DESCRIPTION (provided by applicant): Our long-term goal is to understand the pathogenesis of renal anemia and to develop new and safe therapies for its treatment. Anemia is a classic manifestation of advanced chronic kidney disease (CKD) and results from the diminished ability of the diseased kidney to produce adequate amounts of erythropoietin (EPO), the glycoprotein hormone that is essential for red blood production. Anemia associated with CKD or end stage renal disease (ESRD) is typically treated with recombinant EPO. The use of recombinant EPO not only represents a major cost factor in the care of patients with advanced CKD and ESRD, but also has raised significant cardiovascular safety concerns, which prompted the FDA to issue several black box warnings. While the administration of recombinant EPO to renal patients has been a hallmark of supportive care in Nephrology for more than 20 years, the molecular mechanisms that underlie the pathogenesis of renal anemia are surprisingly poorly understood. A key pathway in the regulation of renal EPO production is the hypoxia-inducible factor (HIF) pathway. Although the hypoxic induction of EPO serves as a paradigm for hypoxic gene regulation, the regulation of renal EPO synthesis under renal injury conditions is incompletely understood on both, the cellular and the molecular level. Over the last 5 years our laboratory and other groups have demonstrated that HIF-2 regulates the hypoxic induction of EPO in the kidney and liver, and that the HIF pathway can be pharmacologically targeted to treat patients with anemia. To understand the regulation of renal EPO production on a cellular and molecular level we have begun to use genetic and pharmacologic approaches to dissect the HIF/EPO axis in normal and in injured kidneys. Under this grant, we hypothesize that HIF-2 controls renal EPO production by regulating renal interstitial cell plasticity. We use genetically engineered mice to a) define the cell types in the kidney that have EPO-producing ability, b) to determine their contribution in the regulation of erythropoiesis at baseline and under hypoxic stress conditions, c) to characterize the role of the three major HIF prolyl-hydroxylases in the regulation of renal interstitial hypoxia responses and d) to examine HIF-2 function under renal injury conditions.

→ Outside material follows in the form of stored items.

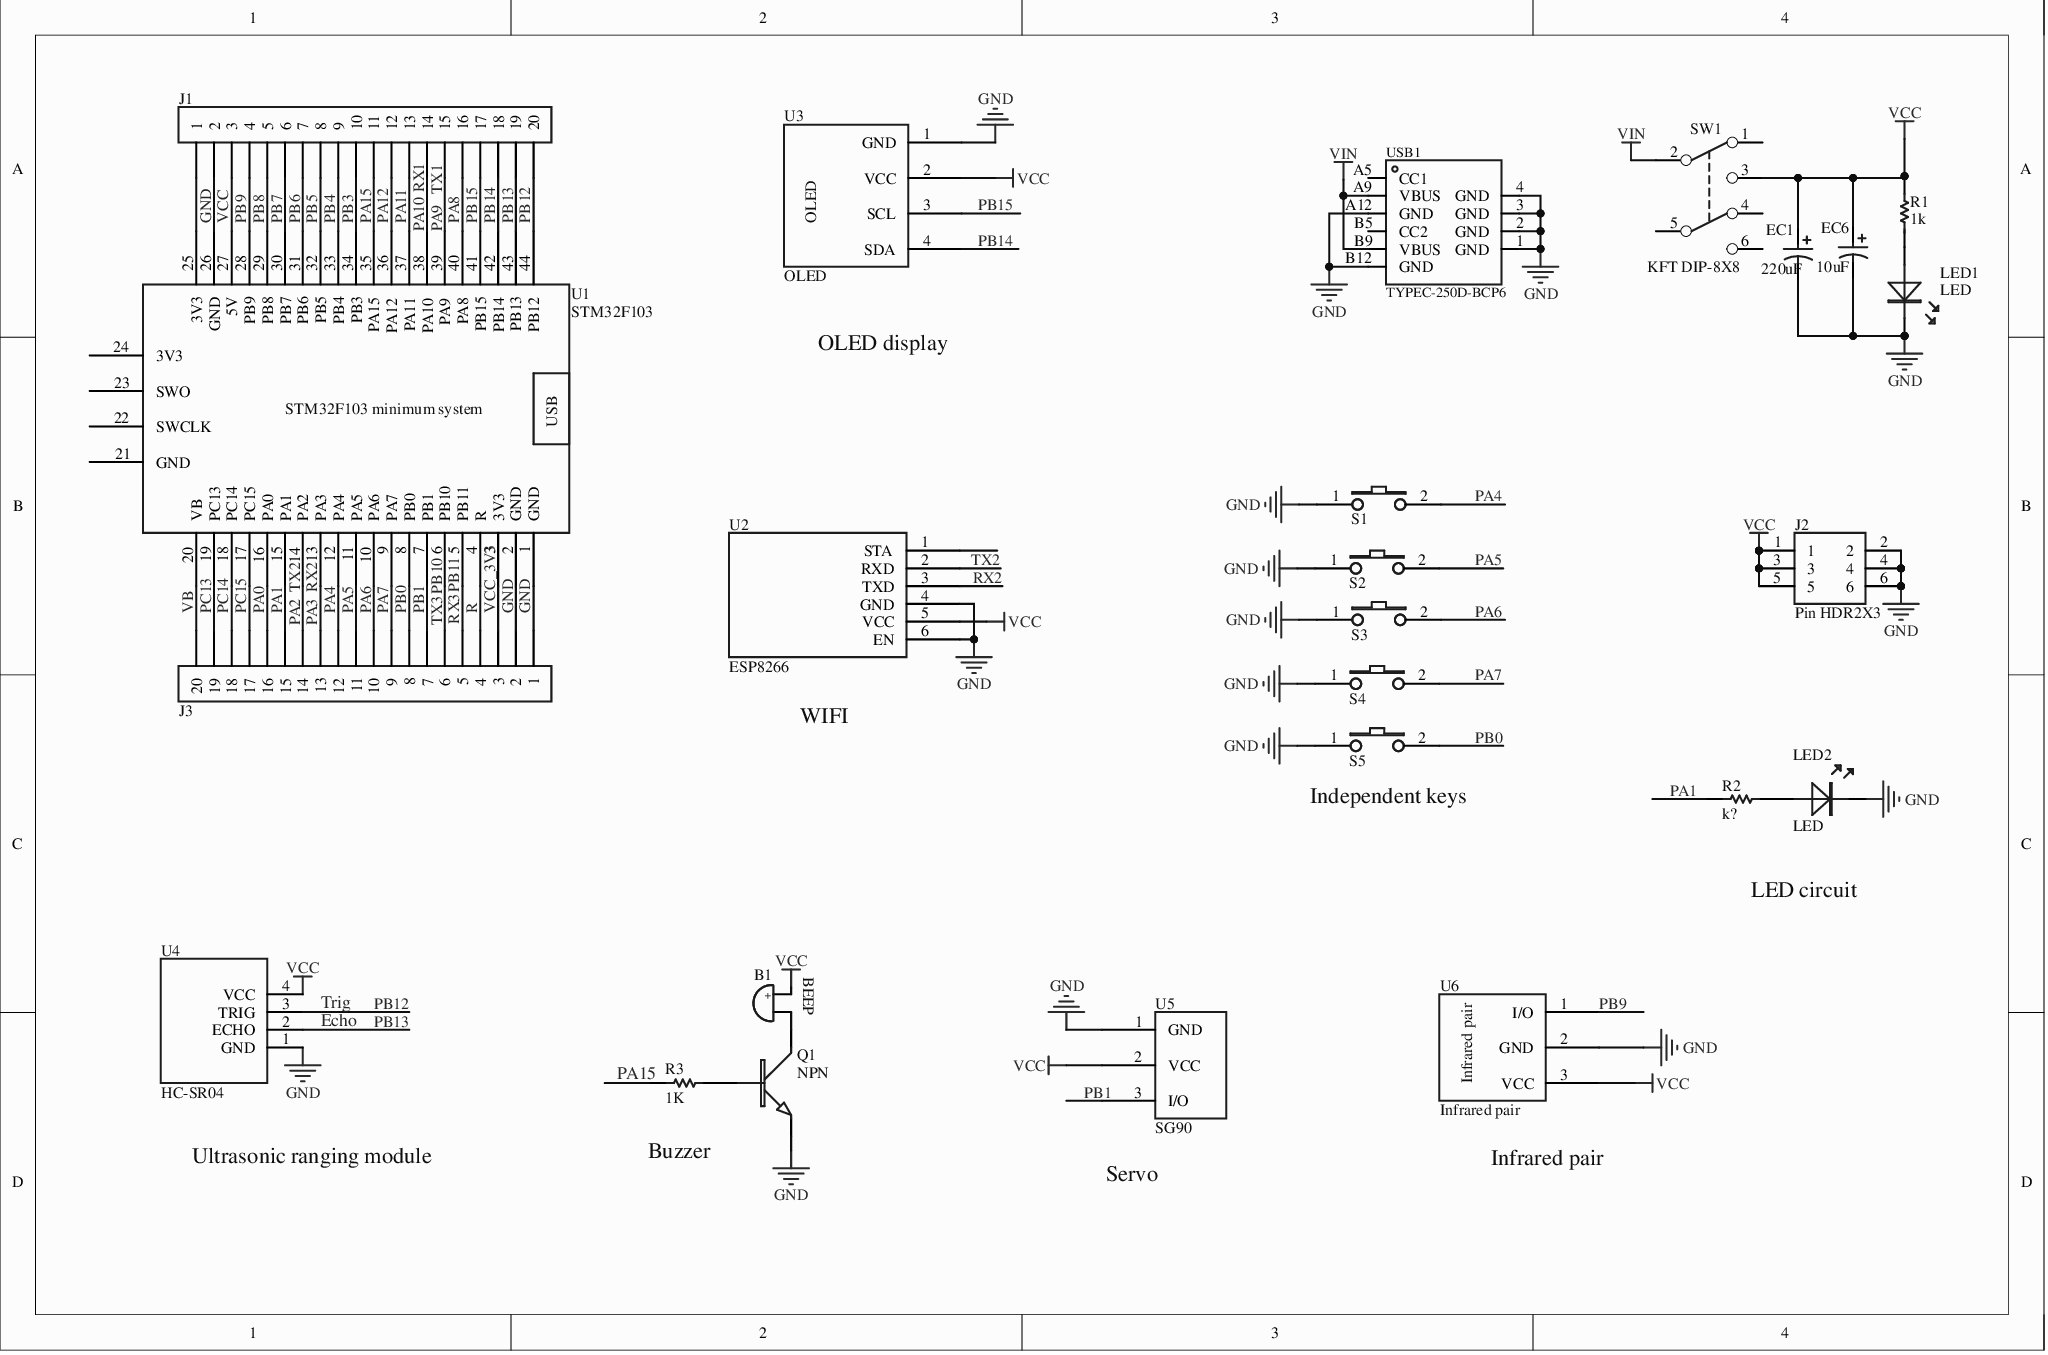
[diagram p0: MISC51211-2.schdoc]
# Altium project MISC51211-3.PrjPcb
1 sheet, 25 parts. Net scope: global (net labels, ports and power ports of the same name join across sheets).
Board file: MISC51211.pcbdoc

## Sheet MISC51211-2.schdoc
size 292 x 193 mm; Name: MISC51211

### Parts
B1  BEEP  [BEEP 7.6X12X7.5]
EC1  220uF  [DIP-EC2.5X5X11]
EC6  10uF  [DIP-EC2.5X5X11]
J1  (no value)  [Pin HDR1X20/2.54mm-S]
J2  Pin HDR2X3  [Pin HDR2X3/2.54mm-S]
J3  (no value)  [Pin HDR1X20/2.54mm-S]
LED1  LED  [LED5-BLUE]
LED2  LED  [LED5-BLUE]
Q1  NPN  [TO-92A]
R1  1k  [AXIAL0.3]
R2  k?  [AXIAL0.3]
R3  1K  [AXIAL0.3]
S1  BUTTOM  [DIP-6X6X5]  (value not drawn)
S2  BUTTOM  [DIP-6X6X5]  (value not drawn)
S3  BUTTOM  [DIP-6X6X5]  (value not drawn)
S4  BUTTOM  [DIP-6X6X5]  (value not drawn)
S5  BUTTOM  [DIP-6X6X5]  (value not drawn)
SW1  KFT DIP-8X8  [KFT DIP-8X8]
U1  STM32F103  [STM32FF103]
U2  ESP8266  [ECB02]
U3  OLED  [OLED]
U4  HC-SR04  [超声波MODE]
U5  SG90  [SG90]
U6  Infrared pair  [红外对管]
USB1  TYPEC-250D-BCP6  [TYP-C-6]

### Nets
GND: EC1.2 EC6.2 J1.2 J2.2 J2.4 J2.6 J3.1 J3.2 LED1.K LED2.K Q1.E S1.1 S2.1 S3.1 S4.1 S5.1 U1.1(GND) U1.2(GND) U1.26(GND) U2.4(GND) U2.6(EN) U3.1(GND) U4.1(GND) U5.1(GND) U6.2(GND) USB1.1(GND) USB1.2(GND) USB1.3(GND) USB1.4(GND) USB1.A12(GND) USB1.B12(GND)
VCC: B1.1 EC1.1 EC6.1 J1.3 J2.1 J2.3 J2.5 R1.2 SW1.3 U1.27(5V) U2.5(VCC) U3.2(VCC) U4.4(VCC) U5.2(VCC) U6.3(VCC)
VIN: SW1.2 USB1.A9(VBUS) USB1.B9(VBUS)
Echo: J1.19 U1.43(PB13) U4.2(ECHO)  [also labelled PB13]
PA0: J3.16 U1.16(PA0)
PA1: J3.15 R2.1 U1.15(PA1)
PA2: J3.14 U1.14(PA2) U2.2(RXD)  [also labelled TX2]
PA3: J3.13 U1.13(PA3) U2.3(TXD)  [also labelled RX2]
PA4: J3.12 S1.2 U1.12(PA4)
PA5: J3.11 S2.2 U1.11(PA5)
PA6: J3.10 S3.2 U1.10(PA6)
PA7: J3.9 S4.2 U1.9(PA7)
PA8: J1.16 U1.40(PA8)
PA9: J1.15 U1.39(PA9)  [also labelled TX1]
PA10: J1.14 U1.38(PA10)  [also labelled RX1]
PA11: J1.13 U1.37(PA11)
PA12: J1.12 U1.36(PA12)
PA15: J1.11 R3.1 U1.35(PA15)
PB0: J3.8 S5.2 U1.8(PB0)
PB1: J3.7 U1.7(PB1) U5.3(I/O)
PB3: J1.10 U1.34(PB3)
PB4: J1.9 U1.33(PB4)
PB5: J1.8 U1.32(PB5)
PB6: J1.7 U1.31(PB6)
PB7: J1.6 U1.30(PB7)
PB8: J1.5 U1.29(PB8)
PB9: J1.4 U1.28(PB9) U6.1(I/O)
PB10: J3.6 U1.6(PB10)  [also labelled TX3]
PB11: J3.5 U1.5(PB11)  [also labelled RX3]
PB12: J1.20 U1.44(PB12) U4.3(TRIG)  [also labelled Trig]
PB14: J1.18 U1.42(PB14) U3.4(SDA)
PB15: J1.17 U1.41(PB15) U3.3(SCL)
PC13: J3.19 U1.19(PC13)
PC14: J3.18 U1.18(PC14)
PC15: J3.17 U1.17(PC15)
R: J3.4 U1.4(R)
VB: J3.20 U1.20(VB)
VCC_3V3: J3.3 U1.3(3V3)
NetB1_2: B1.2 Q1.C
NetJ1_1: J1.1 U1.25(3V3)
NetLED1_A: LED1.A R1.1
NetLED2_A: LED2.A R2.2
NetQ1_B: Q1.B R3.2

Not connected (* = marked no-connect by the designer): SW1 1 4 5 6; U1 21(GND) 22(SWCLK) 23(SWO) 24(3V3); U2 1(STA); USB1 A5(CC1) B5(CC2)

### Notes on the sheet
- OLED display
- WIFI
- (near S5) Independent keys
- LED circuit
- Ultrasonic ranging module
- (near Q1) Buzzer
- (near U5) Servo
- (near U6) Infrared pair

### Library data of the parts
B1 = BEEP: Buzzer; Origin Footprint: BEEP 6.5x12x6; OriginFootprint 2: BEEP 5x9x5.5; OriginFootprint 3: BEEP 6.5x12x8.5; OriginFootprint 4: BEEP 7.6X12X9.5; UniqueId: ecd4cc2f475f8764; AddInBom: yes; Device: BEEP; DesignItemID: BEEP; LibraryName: Buzzer; SymbolName: BEEP; FootprintName: BEEP 7.6X12X7.5
EC1 = 220uF: Polarized capacitor; Origin Footprint: RB.15/.3; UniqueId: 1f6a804da79fa676; SymbolName: CAP_EC; AddInBom: yes; Device: 220uF; DesignItemID: CAP_EC; LibraryName: Reference; FootprintName: DIP-EC2.5X5X11
EC6 = 10uF: Polarized capacitor; Origin Footprint: RB.15/.3; UniqueId: 360d8aaef8286b78; SymbolName: CAP_EC; AddInBom: yes; Device: 10uF; DesignItemID: CAP_EC; LibraryName: Reference; FootprintName: DIP-EC2.5X5X11
J1 = J1: Origin Footprint: Pin HDR1X20/2.54mm-W; UniqueId: 9f49826860c2c79d; SymbolName: Pin HDR1X20; AddInBom: yes; Device: J1; DesignItemID: Pin HDR1X20; LibraryName: Pin header; FootprintName: Pin HDR1X20/2.54mm-S
J2 = Pin HDR2X3: Origin Footprint: Pin HDR2X3/2.54mm-W; UniqueId: 42913bc3a3449998; AddInBom: yes; Device: Pin HDR2X3; DesignItemID: Pin HDR2X3; LibraryName: Pin header; SymbolName: Pin HDR2X3; FootprintName: Pin HDR2X3/2.54mm-S
J3 = J3: Origin Footprint: Pin HDR1X20/2.54mm-W; UniqueId: 6ca7fcf0d18ad80e; SymbolName: Pin HDR1X20; AddInBom: yes; Device: J3; DesignItemID: Pin HDR1X20; LibraryName: Pin header; FootprintName: Pin HDR1X20/2.54mm-S
LED1 = LED: Origin Footprint: LED5-GRE; OriginFootprint 2: LED5-RED; OriginFootprint 3: LED5-YEL; OriginFootprint 4: LED3-BLUE; OriginFootprint 5: LED3-GRE; OriginFootprint 6: LED3-RED; OriginFootprint 7: LED3-YEL; OriginFootprint 8: 1WLED; OriginFootprint 9: LED-0603B; OriginFootprint 10: LED-0603G; OriginFootprint 11: LED-0805R; OriginFootprint 12: LED-0603W; OriginFootprint 13: LED-0603Y; OriginFootprint 14: LED-0805B; OriginFootprint 15: LED-0805G; OriginFootprint 18: LED-0805Y; OriginFootprint 19: LED-1206B; OriginFootprint 20: LED-1206G; OriginFootprint 21: LED-1206R; OriginFootprint 22: LED-1206W; OriginFootprint 23: LED-1206Y; UniqueId: a4c4b307afb8d999; AddInBom: yes; Device: LED; OriginFootprint 16: LED-0805R; OriginFootprint 17: LED-0603W; DesignItemID: LED; LibraryName: LED; SymbolName: LED; FootprintName: LED5-BLUE
LED2 = LED: Origin Footprint: LED5-GRE; OriginFootprint 2: LED5-RED; OriginFootprint 3: LED5-YEL; OriginFootprint 4: LED3-BLUE; OriginFootprint 5: LED3-GRE; OriginFootprint 6: LED3-RED; OriginFootprint 7: LED3-YEL; OriginFootprint 8: 1WLED; OriginFootprint 9: LED-0603B; OriginFootprint 10: LED-0603G; OriginFootprint 11: LED-0805R; OriginFootprint 12: LED-0603W; OriginFootprint 13: LED-0603Y; OriginFootprint 14: LED-0805B; OriginFootprint 15: LED-0805G; OriginFootprint 18: LED-0805Y; OriginFootprint 19: LED-1206B; OriginFootprint 20: LED-1206G; OriginFootprint 21: LED-1206R; OriginFootprint 22: LED-1206W; OriginFootprint 23: LED-1206Y; UniqueId: a245eb2d2aad9559; AddInBom: yes; Device: LED; OriginFootprint 16: LED-0805R; OriginFootprint 17: LED-0603W; DesignItemID: LED; LibraryName: Display library; SymbolName: LED; FootprintName: LED5-BLUE
Q1 = NPN: NPN transistor; Origin Footprint: SOT-23; OriginFootprint 2: TO126; OriginFootprint 3: TO220A; OriginFootprint 4: TO220B; OriginFootprint 5: TO-92B; UniqueId: 047b734180970fea; AddInBom: yes; Device: NPN; DesignItemID: NPN; LibraryName: Transistor; SymbolName: NPN; FootprintName: TO-92A
R1 = 1k: Origin Footprint: 0201R; OriginFootprint 2: 0402R; OriginFootprint 3: 0603R; OriginFootprint 4: 0805R; OriginFootprint 5: 1206R; OriginFootprint 6: 1812R; OriginFootprint 7: 2010R; OriginFootprint 8: 2512R; OriginFootprint 9: AXIAL0.4; OriginFootprint 10: AXIAL0.5; OriginFootprint 11: AXIAL0.6; OriginFootprint 12: AXIAL0.7; OriginFootprint 13: AXIAL0.9; OriginFootprint 14: AXIAL0.8; OriginFootprint 15: AXIAL1.0; UniqueId: 4e166b190d4de1c3; SymbolName: RES; AddInBom: yes; Device: 1k; DesignItemID: RES; LibraryName: Resistor; FootprintName: AXIAL0.3
R2 = k?: Origin Footprint: 0201R; OriginFootprint 2: 0402R; OriginFootprint 3: 0603R; OriginFootprint 4: 0805R; OriginFootprint 5: 1206R; OriginFootprint 6: 1812R; OriginFootprint 7: 2010R; OriginFootprint 8: 2512R; OriginFootprint 9: AXIAL0.4; OriginFootprint 10: AXIAL0.5; OriginFootprint 11: AXIAL0.6; OriginFootprint 12: AXIAL0.7; OriginFootprint 13: AXIAL0.9; OriginFootprint 14: AXIAL0.8; OriginFootprint 15: AXIAL1.0; UniqueId: 06442d24ab060343; SymbolName: RES; AddInBom: yes; Device: k?; DesignItemID: RES; LibraryName: Resistor; FootprintName: AXIAL0.3
R3 = 1K: Origin Footprint: 0201R; OriginFootprint 2: 0402R; OriginFootprint 3: 0603R; OriginFootprint 4: 0805R; OriginFootprint 5: 1206R; OriginFootprint 6: 1812R; OriginFootprint 7: 2010R; OriginFootprint 8: 2512R; OriginFootprint 9: AXIAL0.4; OriginFootprint 10: AXIAL0.5; OriginFootprint 11: AXIAL0.6; OriginFootprint 12: AXIAL0.7; OriginFootprint 13: AXIAL0.9; OriginFootprint 14: AXIAL0.8; OriginFootprint 15: AXIAL1.0; UniqueId: 6e26aea592918673; SymbolName: RES; AddInBom: yes; Device: 1K; DesignItemID: RES; LibraryName: Resistor; FootprintName: AXIAL0.3
S1 = BUTTOM: Button; UniqueId: da892dff24010eb4; AddInBom: yes; Device: BUTTOM; DesignItemID: BUTTOM; LibraryName: Reference; SymbolName: BUTTOM; FootprintName: DIP-6X6X5
S2 = BUTTOM: Button; UniqueId: b3b756e6393b620b; AddInBom: yes; Device: BUTTOM; DesignItemID: BUTTOM; LibraryName: Reference; SymbolName: BUTTOM; FootprintName: DIP-6X6X5
S3 = BUTTOM: Button; UniqueId: 7b79a888bb89fb64; AddInBom: yes; Device: BUTTOM; DesignItemID: BUTTOM; LibraryName: Reference; SymbolName: BUTTOM; FootprintName: DIP-6X6X5
S4 = BUTTOM: Button; UniqueId: 5bcf7e05ad3bc526; AddInBom: yes; Device: BUTTOM; DesignItemID: BUTTOM; LibraryName: Reference; SymbolName: BUTTOM; FootprintName: DIP-6X6X5
S5 = BUTTOM: Button; UniqueId: 3819b3f665fa52ad; AddInBom: yes; Device: BUTTOM; DesignItemID: BUTTOM; LibraryName: Reference; SymbolName: BUTTOM; FootprintName: DIP-6X6X5
SW1 = KFT DIP-8X8: UniqueId: 1070c7afd779bef2; AddInBom: yes; Device: KFT DIP-8X8; DesignItemID: KFT DIP-8X8; LibraryName: Power switch; SymbolName: KFT DIP-8X8; FootprintName: KFT DIP-8X8
U1 = STM32F103: UniqueId: 48a4a086d8c42a18; AddInBom: yes; Device: STM32F103; DesignItemID: STM32F103; LibraryName: Custom schematic library; Description: STM32F103; SymbolName: STM32F103; FootprintName: STM32FF103
U2 = ESP8266: UniqueId: d74c11912b695046; AddInBom: yes; Device: ESP8266; DesignItemID: ECB02; LibraryName: Sensors; SymbolName: ECB02; FootprintName: ECB02
U3 = OLED: UniqueId: eac3f191c372887e; AddInBom: yes; Device: OLED; DesignItemID: OLED; LibraryName: Custom schematic library; Description: OLED; SymbolName: OLED; FootprintName: OLED
U4 = HC-SR04: Ultrasonic module; UniqueId: e5d1bee62801ccc5; SymbolName: Ultrasonic MODE; AddInBom: yes; ModelId: d459d248281f4140aaafbda3f8c1b0d5; Device: HC-SR04; DesignItemID: 超声波MODE; LibraryName: Reference; FootprintName: Ultrasonic MODE; ModelName: HC-SR04
U5 = SG90: UniqueId: 65fd737caad1a168; AddInBom: yes; Device: SG90; DesignItemID: SG90; LibraryName: Custom schematic library; Description: SG90; SymbolName: SG90; FootprintName: SG90
U6 = 红外对管: UniqueId: cb0a5e759a2bc85d; AddInBom: yes; Device: Infrared pair; DesignItemID: 红外对管; LibraryName: Custom schematic library; Description: Infrared pair; SymbolName: Infrared pair; FootprintName: Infrared pair
USB1 = TYPEC-250D-BCP6: BOM_Manufacturer: XUNPU; Contributor: LCSC; UniqueId: 139325cbc0f4fece; AddInBom: yes; Device: TYPEC-250D-BCP6; BOM_Supplier: LCSC; BOM_Supplier Part: C720626; BOM_Manufacturer Part: TYPEC-250D-BCP6; BOM_JLCPCB Part Class: Extended Part; spicePre: U; spiceSymbolName: TYPEC-250D-BCP6; DesignItemID: TYPEC-250D-BCP6; LibraryName: Power socket; SymbolName: TYPEC-250D-BCP6; FootprintName: TYP-C-6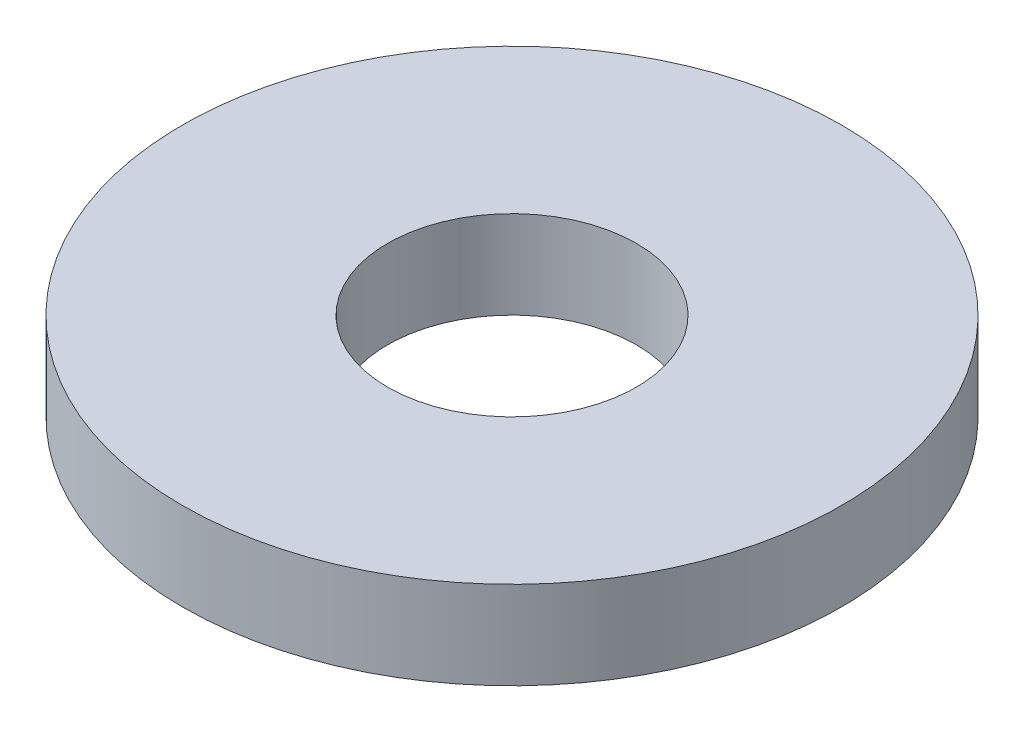
from build123d import *

# Parameters (mm, degrees)
SKETCH1_R           = 22.5
SKETCH1_R_2         = 8.5
BOSS_EXTRUDE1_DEPTH = 6


with BuildPart() as part:
    # Sketch1 → Boss-Extrude1 (new body)
    with BuildSketch(Plane(origin=(0, 0, 0), x_dir=(1, 0, 0), z_dir=(0, 1, 0))):
        with Locations(Location((0, 0, 0), (0, 0, 270))):
            Circle(SKETCH1_R)
        with Locations(Location((0, 0, 0), (0, 0, 270))):
            Circle(SKETCH1_R_2, mode=Mode.SUBTRACT)
    extrude(amount=BOSS_EXTRUDE1_DEPTH)


solid = part.part

描述（由申请人提供）： 我们的长期目标是了解肾性贫血的发病机制，并开发新的、安全的治疗方法。贫血是晚期慢性肾病 (CKD) 的典型表现，是由于患病肾脏产生足够量的促红细胞生成素 (EPO) 的能力下降所致，促红细胞生成素是红细胞生成所必需的糖蛋白激素。与 CKD 或终末期肾病 (ESRD) 相关的贫血通常用重组 EPO 治疗。重组 EPO 的使用不仅是治疗晚期 CKD 和 ESRD 患者的主要成本因素，而且还引起了重大的心血管安全问题，促使 FDA 发布了几项黑框警告。尽管 20 多年来，对肾脏患者施用重组 EPO 一直是肾脏病学支持治疗的标志，但令人惊讶的是，人们对肾性贫血发病机制的分子机制却知之甚少。调节肾脏 EPO 产生的关键途径是缺氧诱导因子 (HIF) 途径。尽管EPO的缺氧诱导是缺氧基因调节的范例，但肾损伤条件下肾EPO合成的调节在细胞和分子水平上尚不完全清楚。在过去的 5 年里，我们的实验室和其他小组已经证明，HIF-2 调节肾脏和肝脏中 EPO 的缺氧诱导，并且 HIF 途径可以在药理学上靶向治疗贫血患者。为了在细胞和分子水平上了解肾脏 EPO 产生的调节，我们已经开始使用遗传和药理学方法来剖析正常和受损肾脏中的 HIF/EPO 轴。根据这项资助，我们假设 HIF-2 通过调节肾间质细胞的可塑性来控制肾 EPO 的产生。我们使用基因工程小鼠 a) 定义肾脏中具有 EPO 生成能力的细胞类型，b) 确定它们在 基线和缺氧应激条件下红细胞生成的调节，c) 表征三种主要 HIF 脯氨酰羟化酶在肾间质缺氧调节中的作用 反应和 d) 检查肾损伤条件下的 HIF-2 功能。